RFD 87 - Access request notification routing

Required Approvers

Engineering r0mant && ???
Security @reedloden
Product: (@xinding33 || @klizhentas)

What

Provide a granular way for administrators to configure which access-requests notifications should be delivered to whom over which medium.

Why

Teleport access request routing is not configured the same way depending on the plugin: Pagerduty uses annotations while most plugins use a role_to_recipient map in the plugin config. Users leveraging both PagerDuty and Slack plugins have to deal with two configuration languages;
Current Pagerduty request routing applies the same rule to all requests from the same role, regardless of the requested role. All access requests don't have the same severity, users wanting to route access requests differently have to create multiple roles. Depending on the company size and structure cardinality can become a problem. See https://github.com/gravitational/teleport-plugins/issues/597;
Access request routing map baked in the plugin deployment:
- Will become huge for big orgs.
- Requires redeploying each time a change is done.
- Does not allow to route requests regarding of the requestor.

Details

User story

Bob is a developer. He deploys code using CI/CD pipelines. He can request access to prod in read-only mode and dev in read-write mode for debugging. In case of incident he can request prod read-write access. Alice is the lead-dev, she grants regular access requests through MsTeams during open hours and can also approve urgent read-write requests. Alice should not be paged each time Bob needs to debug something during open hours, but in case of incident Bob needs immediate access and Alice should be paged.

In Teleport terms:

the role developer can request roles dev-rw, prod-ro and prod-rw;
the role lead-developer can approve requests;
only prod-rw access requests should trigger a PagerDuty incident;
dev-rw and prod-ro access requests should trigger a MsTeams message.

Terminology

Definitions:

A target is the pair: (plugin, recipients);
plugin is a string describing which plugin should pick up this target; By default each plugin are listening for their own name (slack for the slack plugin, msteams for the Microsoft Teams one, ...). But the plugin name can be configurable in the plugin configuration. This allows support for multiple instances of the same plugin (e.g. many orgs have multiple slack workspaces, they can run 1 plugin per workspace);
recipients is a list of strings describing the access request recipients. Different kinds of recipients are supported depending on the plugin (user name, channel name, service name, user id, channel id, URL, ...).

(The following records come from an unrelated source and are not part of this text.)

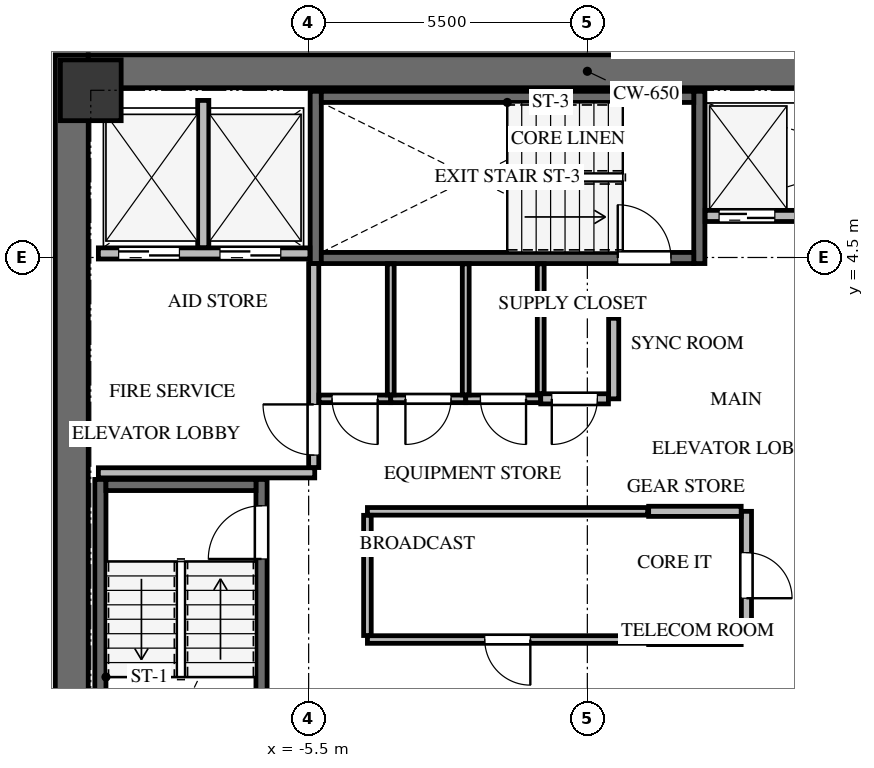
"""IFC4 building model, lengths in metres.
Left out: names, types, materials, properties, quantities, classifications, styles, units other than length and angle.
Written with IfcOpenShell. Run it as: python <this file> out.ifc"""

import sys

from ifc_helpers import new_model, si_unit, direction, frame, frame_2d, origin, origin_2d, place, context, subcontext, project, spatial, rectangle, extrude, source, transform, mapped, element, fill, save


model = new_model("IFC4")
c1 = context("Model", 3, precision=1e-05, world=origin(), true_north=direction((0.0, 1.0)))
c2 = subcontext(c1, "Body", "Model", "MODEL_VIEW")
j1 = project(units=[si_unit("LENGTHUNIT", "METRE"), si_unit("PLANEANGLEUNIT", "RADIAN")], contexts=[c1])
p1 = place(None, origin())
s1 = spatial("IfcSite", under=j1, at=p1, CompositionType="ELEMENT")
p2 = place(p1, origin())
s2 = spatial("IfcBuilding", under=s1, at=p2, CompositionType="ELEMENT")
p3 = place(p2, frame((0.0, 0.0, 206.2)))
s3 = spatial("IfcBuildingStorey", under=s2, at=p3, CompositionType="ELEMENT", Elevation=206.2)
p4 = place(p3, frame((-10.175, -8.5, 0.0), z_axis=(0.0, 0.0, 1.0), x_axis=(0.0, 1.0, 0.0)))
e1 = element("IfcWall", 1, at=p4, inside=s3, PredefinedType="SHEAR", context=c2, shape_type="SweptSolid", body=[
    extrude(rectangle(XDim=17.0, YDim=0.65, at=frame_2d((8.5, 0.0))), origin(), (0.0, 0.0, 1.0), 3.0),
])
p5 = place(p3, frame((-9.85, 8.175, 0.0), z_axis=(0.0, 0.0, 1.0), x_axis=(1.0, 0.0, 0.0)))
e2 = element("IfcWall", 2, at=p5, inside=s3, PredefinedType="SHEAR", context=c2, shape_type="SweptSolid", body=[
    extrude(rectangle(XDim=19.7, YDim=0.65, at=frame_2d((9.85, 0.0))), origin(), (0.0, 0.0, 1.0), 3.0),
])
p6 = place(p3, frame((-6.43, -7.77, -0.24), z_axis=(0.0, 0.0, 1.0), x_axis=(0.0, 1.0, 0.0)))
e3 = element("IfcWall", 3, at=p6, inside=s3, PredefinedType="SHEAR", context=c2, shape_type="SweptSolid", body=[
    extrude(rectangle(XDim=7.89, YDim=0.22, at=frame_2d((3.945, 0.0))), origin(), (0.0, 0.0, 1.0), 3.0),
])
p7 = place(p6, frame((6.32, 0.0, 0.0)))
e4 = element("IfcOpeningElement", 4, at=p7, cuts=e3, PredefinedType="OPENING", context=c2, shape_type="SweptSolid", body=[
    extrude(rectangle(XDim=1.05, YDim=2.15, at=frame_2d((0.525, 1.075))), frame((0.0, 0.12, 0.0), z_axis=(0.0, -1.0, 0.0), x_axis=(1.0, 0.0, 0.0)), (0.0, 0.0, 1.0), 0.24),
])
p8 = place(p3, frame((-9.61, 0.12, -0.24), z_axis=(0.0, 0.0, 1.0), x_axis=(0.0, -1.0, 0.0)))
e5 = element("IfcWall", 5, at=p8, inside=s3, PredefinedType="SHEAR", context=c2, shape_type="SweptSolid", body=[
    extrude(rectangle(XDim=7.89, YDim=0.22, at=frame_2d((3.945, 0.0))), origin(), (0.0, 0.0, 1.0), 3.0),
])
p9 = place(p3, frame((-6.54, 0.01, -0.24), z_axis=(0.0, 0.0, 1.0), x_axis=(-1.0, 0.0, 0.0)))
e6 = element("IfcWall", 6, at=p9, inside=s3, PredefinedType="SHEAR", context=c2, shape_type="SweptSolid", body=[
    extrude(rectangle(XDim=2.96, YDim=0.22, at=frame_2d((1.48, 0.0))), origin(), (0.0, 0.0, 1.0), 3.0),
])
for number, where, z_axis, x_axis in (
    (7, (2.21, 4.38, -0.24), (0.0, 0.0, 1.0), (0.0, 1.0, 0.0)),
    (8, (-5.36, 7.78, -0.24), (0.0, 0.0, 1.0), (0.0, -1.0, 0.0)),
):
    element("IfcWall", number, at=place(p3, frame(where, z_axis=z_axis, x_axis=x_axis)), inside=s3, PredefinedType="SHEAR", context=c2, shape_type="SweptSolid", body=[
        extrude(rectangle(XDim=3.4, YDim=0.22, at=frame_2d((1.7, 0.0))), origin(), (0.0, 0.0, 1.0), 3.0),
    ])
p10 = place(p3, frame((-5.25, 4.49, -0.24), z_axis=(0.0, 0.0, 1.0), x_axis=(1.0, 0.0, 0.0)))
e9 = element("IfcWall", 9, at=p10, inside=s3, PredefinedType="SHEAR", context=c2, shape_type="SweptSolid", body=[
    extrude(rectangle(XDim=7.35, YDim=0.22, at=frame_2d((3.675, 0.0))), origin(), (0.0, 0.0, 1.0), 3.0),
])
p11 = place(p10, frame((5.85, 0.0, 0.0)))
e10 = element("IfcOpeningElement", 10, at=p11, cuts=e9, PredefinedType="OPENING", context=c2, shape_type="SweptSolid", body=[
    extrude(rectangle(XDim=1.05, YDim=2.15, at=frame_2d((0.525, 1.075))), frame((0.0, 0.12, 0.0), z_axis=(0.0, -1.0, 0.0), x_axis=(1.0, 0.0, 0.0)), (0.0, 0.0, 1.0), 0.24),
])
p12 = place(p3, frame((2.1, 7.67, -0.24), z_axis=(0.0, 0.0, 1.0), x_axis=(-1.0, 0.0, 0.0)))
e11 = element("IfcWall", 11, at=p12, inside=s3, PredefinedType="SHEAR", context=c2, shape_type="SweptSolid", body=[
    extrude(rectangle(XDim=7.35, YDim=0.22, at=frame_2d((3.675, 0.0))), origin(), (0.0, 0.0, 1.0), 3.0),
])
m1 = source(origin(), c2, "Body", "SweptSolid", [
    extrude(rectangle(XDim=1.2, YDim=1.2, at=origin_2d()), origin(), (0.0, 0.0, 1.0), 3.0),
])
p13 = place(p3, frame((-9.8, 7.8, -0.24), z_axis=(0.0, 0.0, 1.0), x_axis=(1.0, 0.0, 0.0)))
e12 = element("IfcColumn", 12, at=p13, inside=s3, PredefinedType="COLUMN", context=c2, shape_type="MappedRepresentation", body=[
    mapped(m1, transform((0.0, 0.0, 0.0), x_axis=(1.0, 0.0, 0.0), y_axis=(0.0, 1.0, 0.0), z_axis=(0.0, 0.0, 1.0), scale=1.0)),
])
p14 = place(p3, frame((-9.65, 4.58, 0.0), z_axis=(0.0, 0.0, 1.0), x_axis=(1.0, 0.0, 0.0)))
e13 = element("IfcWall", 13, at=p14, inside=s3, PredefinedType="SOLIDWALL", context=c2, shape_type="SweptSolid", body=[
    extrude(rectangle(XDim=4.175, YDim=0.22, at=frame_2d((2.087, 0.0))), origin(), (0.0, 0.0, 1.0), 2.745),
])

New Resource: `access_request_routing_rule`

This proposal introduces a new resource to add routing annotations when an access request is emitted.

The motivation behind adding a new resource, opposed to add new fields in role is to limit the role spec inflation and allow more flexibility to create role-agnostic routing rules.

Routing rules are evaluated on access-request creation and will add elements to a new field in access-requests: targets.

An example access_request_routing_rule would look like:

yaml

kind: access_request_routing_rule
version: v1
metadata:
  name: example
spec:
  targets:
  # simplified syntax
  - condition: 'resource.spec.roles.contains("prod-rw")'
    recipients: ["Teleport Alice"]
    plugin: "pagerduty"
  # raw expression
  - expression: >
      ifelse(
        resource.spec.roles.contains("prod-rw"),
        pair(),
        pair("msteams", set("[email protected]"))
      )

Invoked with the role "prod-rw", this would produce the following access-request

yaml

kind: access_request
spec:
  user: bob
  roles: ["prod-rw"]
  state: 1
  # [some fields were omitted for clarity]
  request_reason: "Prod is down and rollback failed"
  targets:
    - plugin: pagerduty
      recipients: ["Teleport Alice"]

From the plugin point of view, the recipients are additive:

they can come from the role_to_recipient map in the plugin configuration;
they can come from the targets on the access-request;
they can come from the requests additional recipients;
they can come from annotations (backward compatibility for pagerduty plugin).

Performance

All access_request_routing_rules have to be evaluated against each access request. Even if this only applies on access request creation, this can be an intensive operation, especially against the database. The auth server should maintain a cache of all target rules to avoid having to request them for each request.

Security

In case of conflicts (teamA writes a routing rule matching access-requests from teamB), both targets will be added to the access request. A misconfigured rule will result in a team being wrongly notified. The main issue will be spam/noise but this should not lock out the rightful team to get notified by the access request.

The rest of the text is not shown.